This book provides guidelines for practicing design science in the fields of information systems and software engineering research. A design process usually iterates over two first designing an artifact that improves something for stakeholders and subsequently empirically investigating the performance of that artifact in its context. This “validation in context” is a key feature of the book - since an artifact is designed for a context, it should also be validated in this context. The book is divided into five parts. Part I discusses the fundamental nature of design science and its artifacts, as well as related design research questions and goals. Part II deals with the design cycle, i.e. the creation, design and validation of artifacts based on requirements and stakeholder goals. To elaborate this further, Part III presents the role of conceptual frameworks and theories in design science. Part IV continues with the empirical cycle to investigate artifacts in context, and presents the different elements of research problem analysis, research setup and data analysis. Finally, Part V deals with the practical application of the empirical cycle by presenting in detail various research methods, including observational case studies, case-based and sample-based experiments and technical action research. These main sections are complemented by two generic checklists, one for the design cycle and one for the empirical cycle. The book is written for students as well as academic and industrial researchers in software engineering or information systems. It provides guidelines on how to effectively structure research goals, how to analyze research problems concerning design goals and knowledge questions, how to validate artifact designs and how to empirically investigate artifacts in context – and finally how to present the results of the design cycle as a whole.
This book is dense, perhaps too dense. I frequently found myself re-reading the same paragraph multiple times in order to understand it. While the language is precise, its abundant use of abstract concepts leaves the mind often wandering off topic.
Table references are frequently wrong in the print version, but it is easy to locate the referred tables anyway.
I found many answers in this book on how to carry out sounder research. While I am working as a research scientist for about 10 years now, this text helped me understand where new knowledge steems from in applied research.
It presents research as the development of an artefact (a piece of software, a method, a language, etc.) to treat a problem in a context. From there it explains how to evaluate the artefact, argue for causality, and argue for generality.
I definitely recommend it to anyone doubting about the value of its research activities but also to anyone doing research in applied technologies.
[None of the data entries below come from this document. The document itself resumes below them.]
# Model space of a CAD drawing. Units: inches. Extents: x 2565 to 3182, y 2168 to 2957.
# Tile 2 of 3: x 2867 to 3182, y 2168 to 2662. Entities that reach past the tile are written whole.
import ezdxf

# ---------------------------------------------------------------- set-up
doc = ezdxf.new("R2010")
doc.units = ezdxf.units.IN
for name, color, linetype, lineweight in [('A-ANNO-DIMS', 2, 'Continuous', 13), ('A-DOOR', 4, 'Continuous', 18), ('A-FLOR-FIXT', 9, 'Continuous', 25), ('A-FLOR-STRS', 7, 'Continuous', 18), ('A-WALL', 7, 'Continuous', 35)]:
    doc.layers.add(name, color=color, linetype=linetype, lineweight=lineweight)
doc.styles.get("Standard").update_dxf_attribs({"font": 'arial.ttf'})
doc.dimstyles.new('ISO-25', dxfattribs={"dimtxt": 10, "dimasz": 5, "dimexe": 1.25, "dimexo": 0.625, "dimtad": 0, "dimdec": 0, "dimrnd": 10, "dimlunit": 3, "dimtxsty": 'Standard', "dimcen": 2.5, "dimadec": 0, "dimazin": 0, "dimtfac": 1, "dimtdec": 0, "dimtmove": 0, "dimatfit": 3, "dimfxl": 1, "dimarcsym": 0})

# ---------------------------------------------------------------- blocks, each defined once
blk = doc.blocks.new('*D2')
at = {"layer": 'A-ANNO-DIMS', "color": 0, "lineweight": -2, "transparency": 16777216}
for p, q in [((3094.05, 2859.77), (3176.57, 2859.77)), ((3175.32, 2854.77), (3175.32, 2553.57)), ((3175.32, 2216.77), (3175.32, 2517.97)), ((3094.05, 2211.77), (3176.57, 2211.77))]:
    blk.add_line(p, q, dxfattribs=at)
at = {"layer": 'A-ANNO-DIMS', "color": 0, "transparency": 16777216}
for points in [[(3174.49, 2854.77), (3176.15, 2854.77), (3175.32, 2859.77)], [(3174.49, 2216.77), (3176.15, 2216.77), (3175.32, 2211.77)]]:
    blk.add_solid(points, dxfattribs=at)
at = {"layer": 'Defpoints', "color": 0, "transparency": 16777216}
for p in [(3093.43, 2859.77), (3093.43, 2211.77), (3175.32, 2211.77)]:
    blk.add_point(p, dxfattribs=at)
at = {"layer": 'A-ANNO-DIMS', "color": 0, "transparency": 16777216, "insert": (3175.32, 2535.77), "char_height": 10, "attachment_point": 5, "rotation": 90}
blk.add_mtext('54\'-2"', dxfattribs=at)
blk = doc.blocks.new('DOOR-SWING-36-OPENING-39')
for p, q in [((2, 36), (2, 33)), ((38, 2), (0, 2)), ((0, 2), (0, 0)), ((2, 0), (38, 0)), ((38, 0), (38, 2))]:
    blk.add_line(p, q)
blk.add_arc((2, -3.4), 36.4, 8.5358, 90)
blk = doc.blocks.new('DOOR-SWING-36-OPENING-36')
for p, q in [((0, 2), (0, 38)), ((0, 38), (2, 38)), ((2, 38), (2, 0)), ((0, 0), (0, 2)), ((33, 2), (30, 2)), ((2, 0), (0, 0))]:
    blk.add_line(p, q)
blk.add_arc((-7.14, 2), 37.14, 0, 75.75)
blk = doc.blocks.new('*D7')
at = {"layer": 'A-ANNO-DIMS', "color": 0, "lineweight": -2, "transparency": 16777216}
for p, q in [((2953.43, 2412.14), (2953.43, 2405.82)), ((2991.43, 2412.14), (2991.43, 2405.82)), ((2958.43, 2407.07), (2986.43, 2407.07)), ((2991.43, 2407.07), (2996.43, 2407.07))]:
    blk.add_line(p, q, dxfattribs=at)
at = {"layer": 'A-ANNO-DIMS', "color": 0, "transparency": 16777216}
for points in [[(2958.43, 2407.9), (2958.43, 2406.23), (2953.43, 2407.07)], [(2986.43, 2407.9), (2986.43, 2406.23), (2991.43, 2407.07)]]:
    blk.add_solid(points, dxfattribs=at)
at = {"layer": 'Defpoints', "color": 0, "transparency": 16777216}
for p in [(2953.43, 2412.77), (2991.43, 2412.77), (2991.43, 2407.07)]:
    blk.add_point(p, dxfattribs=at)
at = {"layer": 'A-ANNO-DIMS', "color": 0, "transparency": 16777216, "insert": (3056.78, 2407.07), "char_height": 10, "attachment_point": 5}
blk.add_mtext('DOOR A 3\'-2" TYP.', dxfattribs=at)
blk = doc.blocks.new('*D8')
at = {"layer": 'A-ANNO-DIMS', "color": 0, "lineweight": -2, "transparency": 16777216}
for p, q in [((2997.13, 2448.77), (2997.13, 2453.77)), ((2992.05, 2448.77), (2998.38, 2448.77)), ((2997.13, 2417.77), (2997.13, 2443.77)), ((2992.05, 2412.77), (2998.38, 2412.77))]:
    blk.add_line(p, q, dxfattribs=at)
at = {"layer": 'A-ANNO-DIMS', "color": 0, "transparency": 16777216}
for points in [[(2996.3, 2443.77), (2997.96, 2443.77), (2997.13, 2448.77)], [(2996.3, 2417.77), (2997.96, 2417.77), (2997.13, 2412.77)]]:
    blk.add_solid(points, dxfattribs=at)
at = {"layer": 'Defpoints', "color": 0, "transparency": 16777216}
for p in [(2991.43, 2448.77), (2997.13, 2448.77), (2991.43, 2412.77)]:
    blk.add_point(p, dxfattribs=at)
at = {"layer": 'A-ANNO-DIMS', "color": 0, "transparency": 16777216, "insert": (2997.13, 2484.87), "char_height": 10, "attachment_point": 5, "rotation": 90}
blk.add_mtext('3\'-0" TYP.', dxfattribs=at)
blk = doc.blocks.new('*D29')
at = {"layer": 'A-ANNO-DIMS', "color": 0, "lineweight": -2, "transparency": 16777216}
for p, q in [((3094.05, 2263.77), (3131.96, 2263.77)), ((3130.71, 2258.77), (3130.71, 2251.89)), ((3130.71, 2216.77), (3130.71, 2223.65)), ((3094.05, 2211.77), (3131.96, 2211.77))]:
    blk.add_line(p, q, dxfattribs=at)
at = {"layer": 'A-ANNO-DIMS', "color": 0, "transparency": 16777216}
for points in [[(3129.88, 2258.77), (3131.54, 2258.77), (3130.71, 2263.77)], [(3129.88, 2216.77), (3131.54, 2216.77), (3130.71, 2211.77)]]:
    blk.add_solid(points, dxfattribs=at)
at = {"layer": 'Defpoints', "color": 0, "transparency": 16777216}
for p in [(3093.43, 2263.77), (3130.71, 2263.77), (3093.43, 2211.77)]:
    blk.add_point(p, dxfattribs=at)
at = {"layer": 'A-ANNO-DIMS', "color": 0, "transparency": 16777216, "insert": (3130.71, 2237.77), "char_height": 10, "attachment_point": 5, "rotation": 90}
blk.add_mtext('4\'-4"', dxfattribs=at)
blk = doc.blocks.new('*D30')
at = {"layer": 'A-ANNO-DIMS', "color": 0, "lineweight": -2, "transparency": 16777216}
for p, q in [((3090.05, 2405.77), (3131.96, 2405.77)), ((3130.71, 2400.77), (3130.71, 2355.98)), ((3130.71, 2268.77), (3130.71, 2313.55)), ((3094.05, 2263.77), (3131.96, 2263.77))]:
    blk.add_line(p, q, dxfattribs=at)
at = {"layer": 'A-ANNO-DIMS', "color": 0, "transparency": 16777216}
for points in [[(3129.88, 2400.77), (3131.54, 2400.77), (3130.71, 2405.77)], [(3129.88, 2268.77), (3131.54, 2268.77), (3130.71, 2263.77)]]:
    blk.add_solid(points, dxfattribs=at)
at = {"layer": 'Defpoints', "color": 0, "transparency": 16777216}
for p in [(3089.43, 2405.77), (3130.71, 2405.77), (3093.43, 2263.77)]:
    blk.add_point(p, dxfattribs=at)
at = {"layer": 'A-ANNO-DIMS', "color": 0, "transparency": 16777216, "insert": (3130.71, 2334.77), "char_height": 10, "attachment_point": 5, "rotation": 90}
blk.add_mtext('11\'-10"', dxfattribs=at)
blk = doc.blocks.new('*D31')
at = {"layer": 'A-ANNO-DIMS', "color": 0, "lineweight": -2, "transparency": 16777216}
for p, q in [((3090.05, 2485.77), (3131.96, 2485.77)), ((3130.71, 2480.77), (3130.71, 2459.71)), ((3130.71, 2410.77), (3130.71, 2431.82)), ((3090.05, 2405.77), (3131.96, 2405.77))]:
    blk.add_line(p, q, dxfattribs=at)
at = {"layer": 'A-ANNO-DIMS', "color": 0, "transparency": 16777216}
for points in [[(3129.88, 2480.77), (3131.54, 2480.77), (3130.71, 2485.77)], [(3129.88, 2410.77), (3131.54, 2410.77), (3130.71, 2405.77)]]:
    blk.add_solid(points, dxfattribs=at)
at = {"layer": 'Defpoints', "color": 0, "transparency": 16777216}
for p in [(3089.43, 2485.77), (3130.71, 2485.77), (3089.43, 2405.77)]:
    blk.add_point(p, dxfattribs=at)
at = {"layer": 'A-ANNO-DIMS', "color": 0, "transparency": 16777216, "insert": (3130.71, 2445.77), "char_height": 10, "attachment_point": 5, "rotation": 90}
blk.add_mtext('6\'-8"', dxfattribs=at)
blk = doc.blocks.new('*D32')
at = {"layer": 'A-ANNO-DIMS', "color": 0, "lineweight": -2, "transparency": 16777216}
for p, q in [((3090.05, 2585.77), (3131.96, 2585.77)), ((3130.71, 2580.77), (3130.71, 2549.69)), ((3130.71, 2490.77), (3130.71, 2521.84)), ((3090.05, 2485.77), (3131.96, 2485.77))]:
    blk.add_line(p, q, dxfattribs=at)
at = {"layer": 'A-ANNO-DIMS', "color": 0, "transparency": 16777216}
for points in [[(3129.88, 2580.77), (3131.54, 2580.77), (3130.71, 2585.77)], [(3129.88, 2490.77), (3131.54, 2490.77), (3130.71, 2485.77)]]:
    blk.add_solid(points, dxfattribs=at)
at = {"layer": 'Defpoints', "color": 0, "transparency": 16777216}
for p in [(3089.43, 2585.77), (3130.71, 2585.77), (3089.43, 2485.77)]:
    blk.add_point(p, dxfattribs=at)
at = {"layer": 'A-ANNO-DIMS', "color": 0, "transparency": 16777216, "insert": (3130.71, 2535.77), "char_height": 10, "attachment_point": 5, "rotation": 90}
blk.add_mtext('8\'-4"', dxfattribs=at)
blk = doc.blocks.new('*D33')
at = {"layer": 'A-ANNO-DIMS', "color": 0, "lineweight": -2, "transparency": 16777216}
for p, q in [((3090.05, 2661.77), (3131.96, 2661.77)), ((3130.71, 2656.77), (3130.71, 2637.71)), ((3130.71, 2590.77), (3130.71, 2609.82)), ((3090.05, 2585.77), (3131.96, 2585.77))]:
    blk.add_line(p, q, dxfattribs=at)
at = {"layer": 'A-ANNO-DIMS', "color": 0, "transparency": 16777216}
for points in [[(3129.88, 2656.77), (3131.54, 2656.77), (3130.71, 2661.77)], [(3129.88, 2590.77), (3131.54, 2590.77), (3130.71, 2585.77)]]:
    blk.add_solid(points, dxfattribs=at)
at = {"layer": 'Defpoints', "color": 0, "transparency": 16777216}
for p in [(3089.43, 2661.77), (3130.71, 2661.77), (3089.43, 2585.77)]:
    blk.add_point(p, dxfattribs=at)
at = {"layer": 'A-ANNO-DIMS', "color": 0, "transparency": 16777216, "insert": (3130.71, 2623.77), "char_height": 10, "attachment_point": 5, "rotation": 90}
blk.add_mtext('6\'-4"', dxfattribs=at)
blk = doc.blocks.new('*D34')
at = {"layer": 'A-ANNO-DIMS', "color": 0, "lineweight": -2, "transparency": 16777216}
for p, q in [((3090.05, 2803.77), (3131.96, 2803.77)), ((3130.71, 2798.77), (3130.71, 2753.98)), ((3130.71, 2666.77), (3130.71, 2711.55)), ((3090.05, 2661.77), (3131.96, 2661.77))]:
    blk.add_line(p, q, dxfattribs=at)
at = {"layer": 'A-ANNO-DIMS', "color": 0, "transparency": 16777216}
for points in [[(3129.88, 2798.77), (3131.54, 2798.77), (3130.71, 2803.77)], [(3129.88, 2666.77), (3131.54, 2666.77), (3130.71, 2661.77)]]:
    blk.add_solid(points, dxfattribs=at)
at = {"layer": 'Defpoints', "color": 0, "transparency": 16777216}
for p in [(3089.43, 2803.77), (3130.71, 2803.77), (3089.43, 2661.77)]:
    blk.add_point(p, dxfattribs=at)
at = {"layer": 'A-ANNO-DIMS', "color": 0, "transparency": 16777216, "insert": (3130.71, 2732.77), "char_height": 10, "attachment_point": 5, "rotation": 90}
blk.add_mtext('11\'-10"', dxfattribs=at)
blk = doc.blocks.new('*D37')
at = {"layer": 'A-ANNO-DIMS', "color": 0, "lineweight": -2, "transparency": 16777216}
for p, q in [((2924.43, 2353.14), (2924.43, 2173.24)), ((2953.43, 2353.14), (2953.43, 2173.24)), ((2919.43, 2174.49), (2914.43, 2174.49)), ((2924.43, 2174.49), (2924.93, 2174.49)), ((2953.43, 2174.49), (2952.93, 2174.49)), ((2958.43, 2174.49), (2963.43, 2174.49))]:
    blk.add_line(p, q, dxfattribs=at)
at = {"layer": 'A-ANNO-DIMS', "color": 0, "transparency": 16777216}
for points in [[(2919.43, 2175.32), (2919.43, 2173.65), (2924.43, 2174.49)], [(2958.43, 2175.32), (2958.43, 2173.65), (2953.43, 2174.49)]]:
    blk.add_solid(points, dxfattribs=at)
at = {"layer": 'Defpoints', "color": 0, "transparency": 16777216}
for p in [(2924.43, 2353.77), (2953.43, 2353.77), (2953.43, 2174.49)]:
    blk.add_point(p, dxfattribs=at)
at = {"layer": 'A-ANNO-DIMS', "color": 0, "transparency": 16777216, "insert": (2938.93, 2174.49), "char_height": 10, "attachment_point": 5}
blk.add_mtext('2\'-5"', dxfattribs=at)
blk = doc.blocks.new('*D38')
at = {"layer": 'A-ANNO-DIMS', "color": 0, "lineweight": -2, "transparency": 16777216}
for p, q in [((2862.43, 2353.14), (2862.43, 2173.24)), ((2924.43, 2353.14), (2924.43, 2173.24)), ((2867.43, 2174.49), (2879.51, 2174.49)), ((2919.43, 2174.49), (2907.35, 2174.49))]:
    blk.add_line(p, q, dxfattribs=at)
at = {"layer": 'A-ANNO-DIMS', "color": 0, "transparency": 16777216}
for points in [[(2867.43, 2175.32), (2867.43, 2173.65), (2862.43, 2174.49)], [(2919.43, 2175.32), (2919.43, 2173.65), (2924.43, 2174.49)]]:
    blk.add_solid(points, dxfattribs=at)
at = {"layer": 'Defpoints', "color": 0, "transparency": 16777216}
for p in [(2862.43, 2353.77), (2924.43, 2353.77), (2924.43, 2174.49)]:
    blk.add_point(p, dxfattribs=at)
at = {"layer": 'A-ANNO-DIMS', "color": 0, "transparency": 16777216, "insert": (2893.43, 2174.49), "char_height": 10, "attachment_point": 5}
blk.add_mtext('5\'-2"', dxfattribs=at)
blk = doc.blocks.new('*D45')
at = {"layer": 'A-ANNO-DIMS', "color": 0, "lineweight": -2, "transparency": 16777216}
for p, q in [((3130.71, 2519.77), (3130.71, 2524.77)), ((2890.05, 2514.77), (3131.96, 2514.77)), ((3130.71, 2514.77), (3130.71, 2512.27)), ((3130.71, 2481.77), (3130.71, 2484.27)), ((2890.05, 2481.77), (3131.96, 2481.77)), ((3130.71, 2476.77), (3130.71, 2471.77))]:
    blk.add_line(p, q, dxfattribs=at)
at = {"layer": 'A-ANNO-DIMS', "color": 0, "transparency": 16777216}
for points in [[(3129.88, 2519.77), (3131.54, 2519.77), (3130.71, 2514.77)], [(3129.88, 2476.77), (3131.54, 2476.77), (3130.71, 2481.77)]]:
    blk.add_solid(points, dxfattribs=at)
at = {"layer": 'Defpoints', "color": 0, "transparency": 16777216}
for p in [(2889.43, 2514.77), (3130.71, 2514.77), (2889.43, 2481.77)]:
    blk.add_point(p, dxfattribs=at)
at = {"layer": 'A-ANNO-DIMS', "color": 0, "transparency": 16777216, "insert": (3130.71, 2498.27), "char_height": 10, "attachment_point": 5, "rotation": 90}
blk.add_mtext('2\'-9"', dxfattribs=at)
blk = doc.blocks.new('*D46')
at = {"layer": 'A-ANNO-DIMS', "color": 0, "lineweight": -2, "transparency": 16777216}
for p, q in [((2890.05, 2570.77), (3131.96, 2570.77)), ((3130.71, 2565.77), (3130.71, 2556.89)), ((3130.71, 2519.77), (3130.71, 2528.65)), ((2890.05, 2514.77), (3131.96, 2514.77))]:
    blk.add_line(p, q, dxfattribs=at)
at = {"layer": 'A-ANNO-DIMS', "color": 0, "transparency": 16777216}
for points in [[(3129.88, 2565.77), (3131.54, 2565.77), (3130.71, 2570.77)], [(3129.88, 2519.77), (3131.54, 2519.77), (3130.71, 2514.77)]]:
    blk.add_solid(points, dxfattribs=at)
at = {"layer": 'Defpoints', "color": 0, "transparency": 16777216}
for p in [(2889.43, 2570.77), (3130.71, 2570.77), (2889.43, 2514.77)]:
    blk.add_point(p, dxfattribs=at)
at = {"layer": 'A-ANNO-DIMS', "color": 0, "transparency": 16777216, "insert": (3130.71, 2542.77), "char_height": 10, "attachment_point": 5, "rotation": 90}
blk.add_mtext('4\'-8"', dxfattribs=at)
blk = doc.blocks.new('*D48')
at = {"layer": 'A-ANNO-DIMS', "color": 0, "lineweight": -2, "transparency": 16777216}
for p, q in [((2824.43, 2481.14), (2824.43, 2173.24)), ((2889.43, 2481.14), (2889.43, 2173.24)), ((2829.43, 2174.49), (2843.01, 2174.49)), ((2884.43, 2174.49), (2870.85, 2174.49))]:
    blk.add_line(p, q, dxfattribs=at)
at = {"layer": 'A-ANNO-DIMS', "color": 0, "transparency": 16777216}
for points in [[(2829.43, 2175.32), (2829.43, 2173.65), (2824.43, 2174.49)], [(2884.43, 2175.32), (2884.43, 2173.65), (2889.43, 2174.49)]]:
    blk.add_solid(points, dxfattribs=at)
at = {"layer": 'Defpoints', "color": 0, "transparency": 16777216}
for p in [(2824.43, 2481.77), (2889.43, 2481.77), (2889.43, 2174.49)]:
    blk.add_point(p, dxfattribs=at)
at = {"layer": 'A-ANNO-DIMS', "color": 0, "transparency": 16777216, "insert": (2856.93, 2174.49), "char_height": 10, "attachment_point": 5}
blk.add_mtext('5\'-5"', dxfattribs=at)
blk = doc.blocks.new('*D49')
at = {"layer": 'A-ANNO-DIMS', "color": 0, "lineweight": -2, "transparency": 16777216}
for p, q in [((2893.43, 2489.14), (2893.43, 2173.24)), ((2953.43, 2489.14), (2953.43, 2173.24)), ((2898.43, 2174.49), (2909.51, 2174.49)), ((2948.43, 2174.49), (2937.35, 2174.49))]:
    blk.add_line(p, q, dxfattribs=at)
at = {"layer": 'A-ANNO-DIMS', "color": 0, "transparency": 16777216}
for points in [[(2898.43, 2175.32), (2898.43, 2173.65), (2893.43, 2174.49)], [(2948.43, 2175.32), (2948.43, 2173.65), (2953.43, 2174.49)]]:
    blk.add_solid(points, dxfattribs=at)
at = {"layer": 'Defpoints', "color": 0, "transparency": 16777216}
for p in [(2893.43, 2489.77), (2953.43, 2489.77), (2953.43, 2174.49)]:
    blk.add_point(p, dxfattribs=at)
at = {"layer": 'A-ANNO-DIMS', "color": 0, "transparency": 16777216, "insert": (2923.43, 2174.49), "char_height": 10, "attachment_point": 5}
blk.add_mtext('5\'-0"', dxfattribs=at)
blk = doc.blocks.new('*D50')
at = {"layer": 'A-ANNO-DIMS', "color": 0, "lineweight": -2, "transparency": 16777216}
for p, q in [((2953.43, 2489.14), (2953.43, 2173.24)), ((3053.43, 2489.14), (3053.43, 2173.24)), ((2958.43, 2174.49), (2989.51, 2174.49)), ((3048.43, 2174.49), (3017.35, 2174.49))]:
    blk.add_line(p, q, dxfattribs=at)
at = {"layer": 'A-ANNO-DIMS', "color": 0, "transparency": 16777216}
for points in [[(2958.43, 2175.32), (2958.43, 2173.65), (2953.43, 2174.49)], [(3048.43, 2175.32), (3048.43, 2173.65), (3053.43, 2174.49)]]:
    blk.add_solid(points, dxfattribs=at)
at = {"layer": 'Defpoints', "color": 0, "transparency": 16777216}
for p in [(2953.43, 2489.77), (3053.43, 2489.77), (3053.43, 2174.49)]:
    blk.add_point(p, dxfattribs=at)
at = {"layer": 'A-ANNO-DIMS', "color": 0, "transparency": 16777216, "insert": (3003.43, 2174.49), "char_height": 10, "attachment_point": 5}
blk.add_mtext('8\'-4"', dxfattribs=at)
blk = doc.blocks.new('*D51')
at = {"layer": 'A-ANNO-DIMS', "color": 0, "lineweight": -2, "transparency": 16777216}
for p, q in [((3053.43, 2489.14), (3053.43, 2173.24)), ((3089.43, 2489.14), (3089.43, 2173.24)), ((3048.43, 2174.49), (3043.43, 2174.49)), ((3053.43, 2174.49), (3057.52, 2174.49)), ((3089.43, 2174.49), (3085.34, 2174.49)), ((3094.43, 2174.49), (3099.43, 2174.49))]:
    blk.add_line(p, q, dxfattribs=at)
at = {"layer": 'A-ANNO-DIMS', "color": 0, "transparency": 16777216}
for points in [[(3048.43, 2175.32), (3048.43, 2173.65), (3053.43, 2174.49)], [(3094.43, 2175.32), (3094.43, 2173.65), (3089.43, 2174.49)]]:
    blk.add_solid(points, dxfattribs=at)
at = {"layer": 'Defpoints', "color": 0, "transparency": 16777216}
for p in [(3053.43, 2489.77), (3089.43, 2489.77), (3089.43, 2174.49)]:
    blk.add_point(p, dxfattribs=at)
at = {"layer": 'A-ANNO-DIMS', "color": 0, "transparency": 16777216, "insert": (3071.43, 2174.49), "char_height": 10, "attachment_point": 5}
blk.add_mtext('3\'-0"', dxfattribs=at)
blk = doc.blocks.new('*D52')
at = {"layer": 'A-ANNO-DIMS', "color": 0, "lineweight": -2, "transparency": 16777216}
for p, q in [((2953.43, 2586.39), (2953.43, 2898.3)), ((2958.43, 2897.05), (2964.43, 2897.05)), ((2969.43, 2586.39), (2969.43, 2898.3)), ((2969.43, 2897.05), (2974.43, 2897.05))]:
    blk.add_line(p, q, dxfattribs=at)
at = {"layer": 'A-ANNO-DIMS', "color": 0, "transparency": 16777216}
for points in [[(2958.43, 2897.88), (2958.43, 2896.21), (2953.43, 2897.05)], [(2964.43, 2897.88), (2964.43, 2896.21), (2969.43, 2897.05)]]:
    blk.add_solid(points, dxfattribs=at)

The level of abstraction used to describe common phenomenon in this book is simply comedic, but more importantly unpleasant... I understand the writer's desire to formulate concepts as consice as possible, but there is a point of no return where nothing makes sense and sentences need to be re-read hundreds of times. There is no shortage of knowledge but this knowledge was unfortunately conveyed in such a way that i felt compelled to write my first book review (ever) and inform everyone attempting to read this book that this wordsmith is not joking around.
Not the easiest book to read. The concepts in this book can be quite vague and it took me about half the book to get a grasp on the bigger picture. Once I understood the different research cycles and how everything fits together, I do think design science is very important and useful. It's a bit of a pity it is written the way it is.
It is a very informative book; however, terms are used interchangeably to the degree that it is impossible to absorb them. To understand what he was saying, I created an ontology. He also has a YouTube channel that provides more information about the book. I highly recommend it.